TestMesh is built with a focused, opinionated stack. This page describes what we use and why.
Backend
Go
The API server, background workers, and CLI are all written in Go 1.23+.
Why Go:
- Compiles to a single static binary with no runtime dependencies — one file to deploy
- Goroutines make parallel test execution cheap and efficient
- Static typing catches errors at compile time
- Fast startup time is critical for the CLI tool
- Lower memory footprint than JVM or Node.js runtimes
Gin
HTTP routing and middleware are handled by Gin. It provides fast routing, middleware chaining, and idiomatic request/response handling.
GORM
Database access uses GORM with the PostgreSQL driver. Domain models are defined as Go structs with GORM tags. Migrations run automatically on startup via AutoMigrate.
Cobra + Viper (CLI)
The CLI uses Cobra for command structure and Viper for configuration. Cobra is the same framework used by kubectl, docker, and hugo. Viper reads from YAML files and environment variables with automatic key replacement.
Zap
Structured logging uses Uber's Zap library. All log output is JSON in production, making it easy to ship to log aggregators.
Database
PostgreSQL
Primary storage is PostgreSQL 15+. All domain data — flows, executions, schedules, environments — lives in a single PostgreSQL database with separate schemas per domain.

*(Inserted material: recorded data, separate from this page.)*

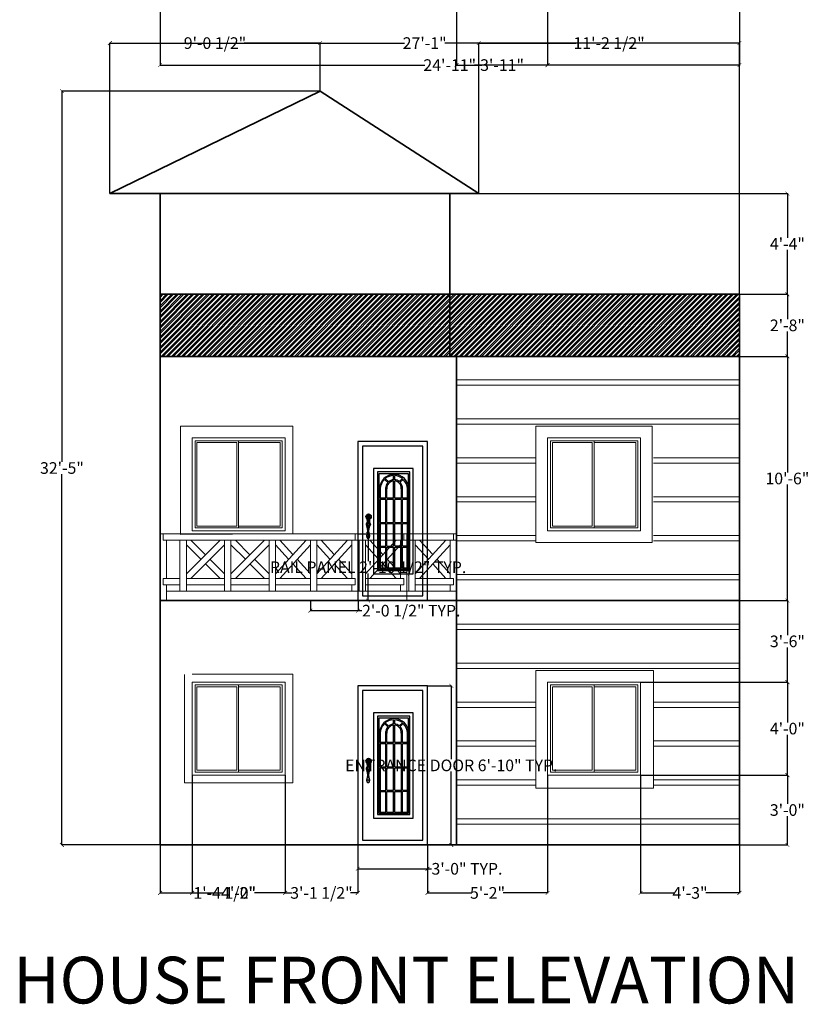
# Model space of a CAD drawing. Units: inches. Extents: x 528 to 2520, y -151 to 1354.
# Tile 28 of 41: x 2086 to 2493, y -151 to 357. Entities that reach past the tile are written whole.
import ezdxf

# ---------------------------------------------------------------- set-up
doc = ezdxf.new("R2010")
doc.units = ezdxf.units.IN
doc.header["$MEASUREMENT"] = 0
for name, color, linetype, lineweight in [('A-ANNO-DIMS', 2, 'Continuous', 18), ('A-ANNO-TEXT', 7, 'Continuous', 30), ('A-Door', 150, 'Continuous', 25), ('A-ELEV', 7, 'Continuous', 35), ('A-ELEV-FNSH', 7, 'Continuous', 18), ('A-ROOF', 7, 'Continuous', 35), ('KORKULUK', 4, 'Continuous', 20), ('WINDOWS', 2, 'Continuous', 20)]:
    doc.layers.add(name, color=color, linetype=linetype, lineweight=lineweight)
doc.layers.add('A-ELEV-PATT', color=175, linetype='Continuous', lineweight=13, true_color=0x4554a5)
doc.styles.get("Standard").update_dxf_attribs({"font": 'arial.ttf'})
doc.dimstyles.get("Standard").update_dxf_attribs({"dimtxt": 6, "dimasz": 2, "dimexe": 0.18, "dimexo": 0.0625, "dimgap": 0.09, "dimtad": 0, "dimtih": 1, "dimtoh": 1, "dimdec": 1, "dimzin": 0, "dimdsep": 46, "dimlunit": 3, "dimtxsty": 'Standard', "dimblk": 'ARCHTICK', "dimcen": 0.09, "dimadec": 0, "dimazin": 0, "dimtfac": 1, "dimtdec": 1, "dimtofl": 0, "dimtmove": 0, "dimatfit": 3, "dimfxl": 1, "dimtolj": 1, "dimtzin": 0, "dimarcsym": 0})

# ---------------------------------------------------------------- blocks, each defined once
blk = doc.blocks.new('*U29')
for p, q in [((1.5, 1.5), (1.5, 46.5)), ((1.5, 46.5), (24, 46.5)), ((24, 1.5), (24, 46.5)), ((24, 46.5), (46.5, 46.5)), ((46.5, 46.5), (46.5, 1.5)), ((24, 1.5), (1.5, 1.5)), ((46.5, 1.5), (24, 1.5))]:
    blk.add_line(p, q)
blk.add_lwpolyline([(0, 0), (0, 48), (48, 48), (48, 0)], close=True)
for points in [[(23, 45.5), (23, 2.5), (2.5, 2.5), (2.5, 45.5), (23, 45.5)], [(24, 45.5), (45.5, 45.5), (45.5, 2.5), (24, 2.5)]]:
    blk.add_lwpolyline(points)
blk = doc.blocks.new('DOOR-PANEL-ELEV-36')
for p, q in [((13.74, 62.55), (15.59, 60.9)), ((14.17, 62.94), (16, 61.3)), ((18.52, 62.33), (18.52, 64.55)), ((18.52, 52.78), (18.52, 61.75)), ((19.1, 62.33), (19.1, 64.53)), ((19.1, 52.78), (19.1, 61.75)), ((23.08, 62.95), (21.41, 61.45)), ((23.52, 62.56), (21.85, 61.06)), ((11.91, 57.81), (11.37, 57.81)), ((11.6, 57.81), (11.83, 57.81)), ((11.91, 57.81), (11.6, 57.81)), ((11.83, 57.81), (11.83, 58.12)), ((14.52, 52.78), (14.52, 58.42)), ((15.1, 52.78), (15.1, 58.42)), ((22.52, 52.78), (22.52, 58.12)), ((23.1, 52.78), (23.1, 58.12)), ((14.52, 52.78), (11.55, 52.78)), ((14.52, 52.2), (11.55, 52.2)), ((14.52, 40.31), (14.52, 52.2)), ((18.52, 52.78), (15.1, 52.78)), ((15.1, 40.31), (15.1, 52.2)), ((18.52, 52.2), (15.1, 52.2)), ((18.52, 40.33), (18.52, 52.2)), ((22.52, 52.78), (19.1, 52.78)), ((19.1, 40.33), (19.1, 52.2)), ((22.52, 52.2), (19.1, 52.2)), ((22.52, 40.35), (22.52, 52.2)), ((25.61, 52.78), (23.1, 52.78)), ((25.61, 52.2), (23.1, 52.2)), ((23.1, 40.36), (23.1, 52.2)), ((5.17, 42.07), (5.17, 40.37)), ((5.85, 42.01), (5.85, 40.4)), ((5.17, 38.33), (5.17, 34.66)), ((5.6, 38.27), (5.6, 34.75)), ((11.55, 40.29), (14.52, 40.31)), ((11.55, 39.71), (14.52, 39.73)), ((14.52, 28.17), (14.52, 39.73)), ((15.1, 40.31), (18.52, 40.33)), ((15.1, 39.73), (18.52, 39.75)), ((15.1, 28.17), (15.1, 39.73)), ((18.52, 28.19), (18.52, 39.75)), ((19.1, 40.33), (22.52, 40.35)), ((19.1, 39.76), (22.52, 39.78)), ((19.1, 28.19), (19.1, 39.76)), ((22.52, 16.87), (22.52, 39.78)), ((23.1, 40.36), (25.61, 40.37)), ((23.1, 39.78), (25.61, 39.8)), ((23.1, 28.22), (23.1, 39.78)), ((10.97, 16.3), (10.97, 27.86)), ((11.55, 28.15), (14.52, 28.17)), ((11.55, 27.57), (14.52, 27.59)), ((14.52, 16.87), (14.52, 27.59)), ((15.1, 28.17), (18.52, 28.19)), ((15.1, 27.59), (18.52, 27.61)), ((15.1, 16.87), (15.1, 27.59)), ((18.52, 16.87), (18.52, 27.61)), ((19.1, 28.19), (22.52, 28.21)), ((19.1, 27.62), (22.52, 27.64)), ((19.1, 16.87), (19.1, 27.62)), ((23.1, 28.22), (25.61, 28.23)), ((23.1, 27.64), (25.61, 27.66)), ((23.1, 16.87), (23.1, 27.64)), ((26.23, 16.3), (22.52, 16.3))]:
    blk.add_line(p, q)
for points in [[(36, 0), (36, 82.04), (0, 82.04), (0, 0)], [(33.55, 2.45), (33.55, 79.6), (2.45, 79.6), (2.45, 2.45)], [(28.61, 13.88), (28.61, 68.17), (8.2, 68.17), (8.2, 13.88)], [(26.88, 15.61), (26.88, 66.44), (10.28, 66.44), (10.28, 15.61)], [(26.19, 16.3), (26.19, 65.4), (10.97, 65.4), (10.97, 16.3)], [(6.31, 42.2), (6.31, 44.42), (4.84, 44.42), (4.84, 42.2)], [(5.86, 42.6), (5.86, 43.89), (5.29, 43.89), (5.29, 42.6)], [(6, 38.52), (6, 40.2), (4.97, 40.2), (4.97, 38.52)]]:
    blk.add_lwpolyline(points, close=True)
for points in [[(11.55, 58.12), (11.55, 52.78)], [(25.61, 52.78), (25.61, 59.08)], [(11.55, 52.2), (11.55, 40.29)], [(25.61, 40.37), (25.61, 52.2)], [(11.55, 39.71), (11.55, 16.87), (14.52, 16.87)], [(25.61, 16.87), (25.61, 39.8)], [(15.1, 16.87), (18.52, 16.87)], [(19.1, 16.87), (22.52, 16.87)], [(23.1, 16.87), (25.61, 16.87)]]:
    blk.add_lwpolyline(points)
blk.add_lwpolyline([(6.03, 33.36, -0.045721), (5.98, 32.78, -0.059301), (5.85, 32.36, -0.101058), (5.61, 32.02, -0.189275), (5.4, 31.94, -0.189275), (5.19, 32.02, -0.101058), (4.95, 32.36, -0.059301), (4.82, 32.78, -0.045721), (4.77, 33.36, -0.045721), (4.82, 33.94, -0.059301), (4.95, 34.37, -0.101058), (5.19, 34.7, -0.189275), (5.4, 34.78, -0.189275), (5.61, 34.7, -0.101058), (5.85, 34.37, -0.059301), (5.98, 33.94, -0.045721)], format="xyb", close=True)
for centre, radius in [((5.61, 43.34), 1.35), ((5.61, 43.34), 0.752), ((5.61, 43.34), 0.392), ((5.5, 39.36), 1.05), ((5.5, 39.36), 0.55), ((5.39, 33.33), 0.278)]:
    blk.add_circle(centre, radius)
for centre, radius, start, end in [((18.79, 57.56), 7.57, 1.2104, 178.7896), ((18.64, 57.56), 6.99, 134.4827, 178.7896), ((18.64, 57.56), 6.99, 90.9488, 129.7225), ((18.79, 58.05), 3.71, 94.2253, 185.0935), ((18.79, 58.05), 4.29, 93.6561, 130.6705), ((19.88, 38.4), 27.02, 89.5366, 91.7216), ((18.64, 57.56), 6.99, 50.4895, 86.2145), ((18.79, 58.05), 4.29, 52.4124, 85.9434), ((18.79, 58.05), 3.71, 354.9065, 85.3116), ((18.79, 58.05), 4.29, 354.9065, 44.6486), ((18.64, 57.56), 6.99, 1.2104, 45.7292), ((18.79, 58.05), 4.29, 138.3994, 185.0935), ((2.68, 41.16), 2.34, 319.4574, 32.1732), ((8.36, 40.89), 2.34, 142.3675, 215.0833), ((-1.32, 36.06), 6.5, 338.0978, 21.9022), ((12.13, 36.06), 6.5, 158.0978, 201.9022)]:
    blk.add_arc(centre, radius, start, end)
blk = doc.blocks.new('BALCONY-RAIL-PANEL')
for p, q in [((0, 31.17), (0, 4.92)), ((3.28, 31.17), (3.28, 4.92)), ((3.28, 13.91), (19.11, 31.17)), ((5.51, 31.17), (12.31, 23.75)), ((21.34, 31.17), (21.34, 11.48)), ((24.62, 34.45), (24.62, 0)), ((3.28, 28.74), (10.08, 21.33)), ((5.51, 11.48), (21.34, 28.74)), ((14.54, 21.33), (21.34, 13.91)), ((12.31, 18.9), (19.11, 11.48)), ((3.28, 11.48), (23.05, 11.48)), ((3.28, 8.2), (23.05, 8.2)), ((21.34, 8.2), (21.34, 4.92))]:
    blk.add_line(p, q)
for points in [[(23.05, 31.17), (23.05, 34.45)], [(23.05, 8.2), (23.05, 11.48)]]:
    blk.add_lwpolyline(points)
blk = doc.blocks.new('_ArchTick')
at = {"color": 0, "linetype": 'ByBlock', "const_width": 0.15}
blk.add_lwpolyline([(-0.5, -0.5), (0.5, 0.5)], dxfattribs=at)
blk = doc.blocks.new('*D88')
at = {"layer": 'A-ANNO-DIMS', "color": 0, "lineweight": -2, "transparency": 16777216}
for p, q in [((2260.28, 91.5), (2265.56, 91.5)), ((2265.38, 91.5), (2265.38, 77.47)), ((2265.38, 57.05), (2265.38, 71.08)), ((2260.28, 57.05), (2265.56, 57.05))]:
    blk.add_line(p, q, dxfattribs=at)
at = {"layer": 'Defpoints', "color": 0, "transparency": 16777216}
for p in [(2260.22, 91.5), (2265.38, 91.5), (2260.22, 57.05)]:
    blk.add_point(p, dxfattribs=at)
at = {"layer": 'A-ANNO-DIMS', "color": 0, "lineweight": -2, "transparency": 16777216, "xscale": 2, "yscale": 2, "zscale": 2}
for p, rotation in [((2265.38, 91.5), 90), ((2265.38, 57.05), 270)]:
    blk.add_blockref('_ArchTick', p, dxfattribs=dict(at, rotation=rotation))
at = {"layer": 'A-ANNO-DIMS', "color": 0, "transparency": 16777216, "insert": (2265.38, 74.27), "char_height": 6, "attachment_point": 5}
blk.add_mtext('\\A1;RAIL PANEL 2\'-10 1/2" TYP.', dxfattribs=at)
blk = doc.blocks.new('*D89')
at = {"layer": 'A-ANNO-DIMS', "color": 0, "lineweight": -2, "transparency": 16777216}
for p, q in [((2235.6, 56.99), (2235.6, 51.7)), ((2260.22, 56.99), (2260.22, 51.7)), ((2235.6, 51.88), (2260.22, 51.88)), ((2260.22, 51.88), (2262.22, 51.88))]:
    blk.add_line(p, q, dxfattribs=at)
at = {"layer": 'Defpoints', "color": 0, "transparency": 16777216}
for p in [(2235.6, 57.05), (2260.22, 57.05), (2260.22, 51.88)]:
    blk.add_point(p, dxfattribs=at)
at = {"layer": 'A-ANNO-DIMS', "color": 0, "lineweight": -2, "transparency": 16777216, "xscale": 2, "yscale": 2, "zscale": 2, "rotation": 180}
blk.add_blockref('_ArchTick', (2235.6, 51.88), dxfattribs=at)
at = {"layer": 'A-ANNO-DIMS', "color": 0, "lineweight": -2, "transparency": 16777216, "xscale": 2, "yscale": 2, "zscale": 2}
blk.add_blockref('_ArchTick', (2260.22, 51.88), dxfattribs=at)
at = {"layer": 'A-ANNO-DIMS', "color": 0, "transparency": 16777216, "insert": (2287.64, 51.88), "char_height": 6, "attachment_point": 5}
blk.add_mtext('\\A1;2\'-0 1/2" TYP.', dxfattribs=at)
blk = doc.blocks.new('*D90')
at = {"layer": 'A-ANNO-DIMS', "color": 0, "lineweight": -2, "transparency": 16777216}
for p, q in [((2296.08, 13.09), (2308.5, 13.09)), ((2308.32, 13.09), (2308.32, -24.73)), ((2308.32, -68.95), (2308.32, -31.12)), ((2296.08, -68.95), (2308.5, -68.95))]:
    blk.add_line(p, q, dxfattribs=at)
at = {"layer": 'Defpoints', "color": 0, "transparency": 16777216}
for p in [(2296.02, 13.09), (2308.32, 13.09), (2296.02, -68.95)]:
    blk.add_point(p, dxfattribs=at)
at = {"layer": 'A-ANNO-DIMS', "color": 0, "lineweight": -2, "transparency": 16777216, "xscale": 2, "yscale": 2, "zscale": 2}
for p, rotation in [((2308.32, 13.09), 90), ((2308.32, -68.95), 270)]:
    blk.add_blockref('_ArchTick', p, dxfattribs=dict(at, rotation=rotation))
at = {"layer": 'A-ANNO-DIMS', "color": 0, "transparency": 16777216, "insert": (2308.32, -27.93), "char_height": 6, "attachment_point": 5}
blk.add_mtext('\\A1;ENTRANCE DOOR 6\'-10" TYP.', dxfattribs=at)
blk = doc.blocks.new('*D91')
at = {"layer": 'A-ANNO-DIMS', "color": 0, "lineweight": -2, "transparency": 16777216}
for p, q in [((2260.02, -69.01), (2260.02, -81.44)), ((2296.02, -69.01), (2296.02, -81.44)), ((2260.02, -81.26), (2296.02, -81.26)), ((2296.02, -81.26), (2298.02, -81.26))]:
    blk.add_line(p, q, dxfattribs=at)
at = {"layer": 'Defpoints', "color": 0, "transparency": 16777216}
for p in [(2260.02, -68.95), (2296.02, -68.95), (2296.02, -81.26)]:
    blk.add_point(p, dxfattribs=at)
at = {"layer": 'A-ANNO-DIMS', "color": 0, "lineweight": -2, "transparency": 16777216, "xscale": 2, "yscale": 2, "zscale": 2, "rotation": 180}
blk.add_blockref('_ArchTick', (2260.02, -81.26), dxfattribs=at)
at = {"layer": 'A-ANNO-DIMS', "color": 0, "lineweight": -2, "transparency": 16777216, "xscale": 2, "yscale": 2, "zscale": 2}
blk.add_blockref('_ArchTick', (2296.02, -81.26), dxfattribs=at)
at = {"layer": 'A-ANNO-DIMS', "color": 0, "transparency": 16777216, "insert": (2316.39, -81.26), "char_height": 6, "attachment_point": 5}
blk.add_mtext('\\A1;3\'-0" TYP.', dxfattribs=at)
blk = doc.blocks.new('*D94')
at = {"layer": 'A-ANNO-DIMS', "color": 0, "lineweight": -2, "transparency": 16777216}
for p, q in [((2158.01, 360.88), (2158.01, 333.11)), ((2457.01, 360.88), (2457.01, 333.11)), ((2158.01, 333.29), (2294.73, 333.29)), ((2457.01, 333.29), (2320.29, 333.29))]:
    blk.add_line(p, q, dxfattribs=at)
at = {"layer": 'Defpoints', "color": 0, "transparency": 16777216}
for p in [(2158.01, 360.94), (2457.01, 360.94), (2457.01, 333.29)]:
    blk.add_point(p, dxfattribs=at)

PostgreSQL was chosen over alternatives for:
- Battle-tested reliability and ACID guarantees
- JSONB support for storing flow definitions and execution context
- Schema-level isolation that maps cleanly to domain boundaries
- Rich query capabilities for execution history and metrics
TimescaleDB
The PostgreSQL database uses the TimescaleDB extension for time-series metrics. Execution metrics are stored in a hypertable partitioned by time, enabling efficient range queries and automatic data retention policies.
The project uses timescale/timescaledb:latest-pg15 as its Docker image.
Queue
Redis Streams
Async job processing uses Redis Streams — the consumer group feature of Redis 5+. Jobs are published to a stream by the scheduler and consumed by worker processes.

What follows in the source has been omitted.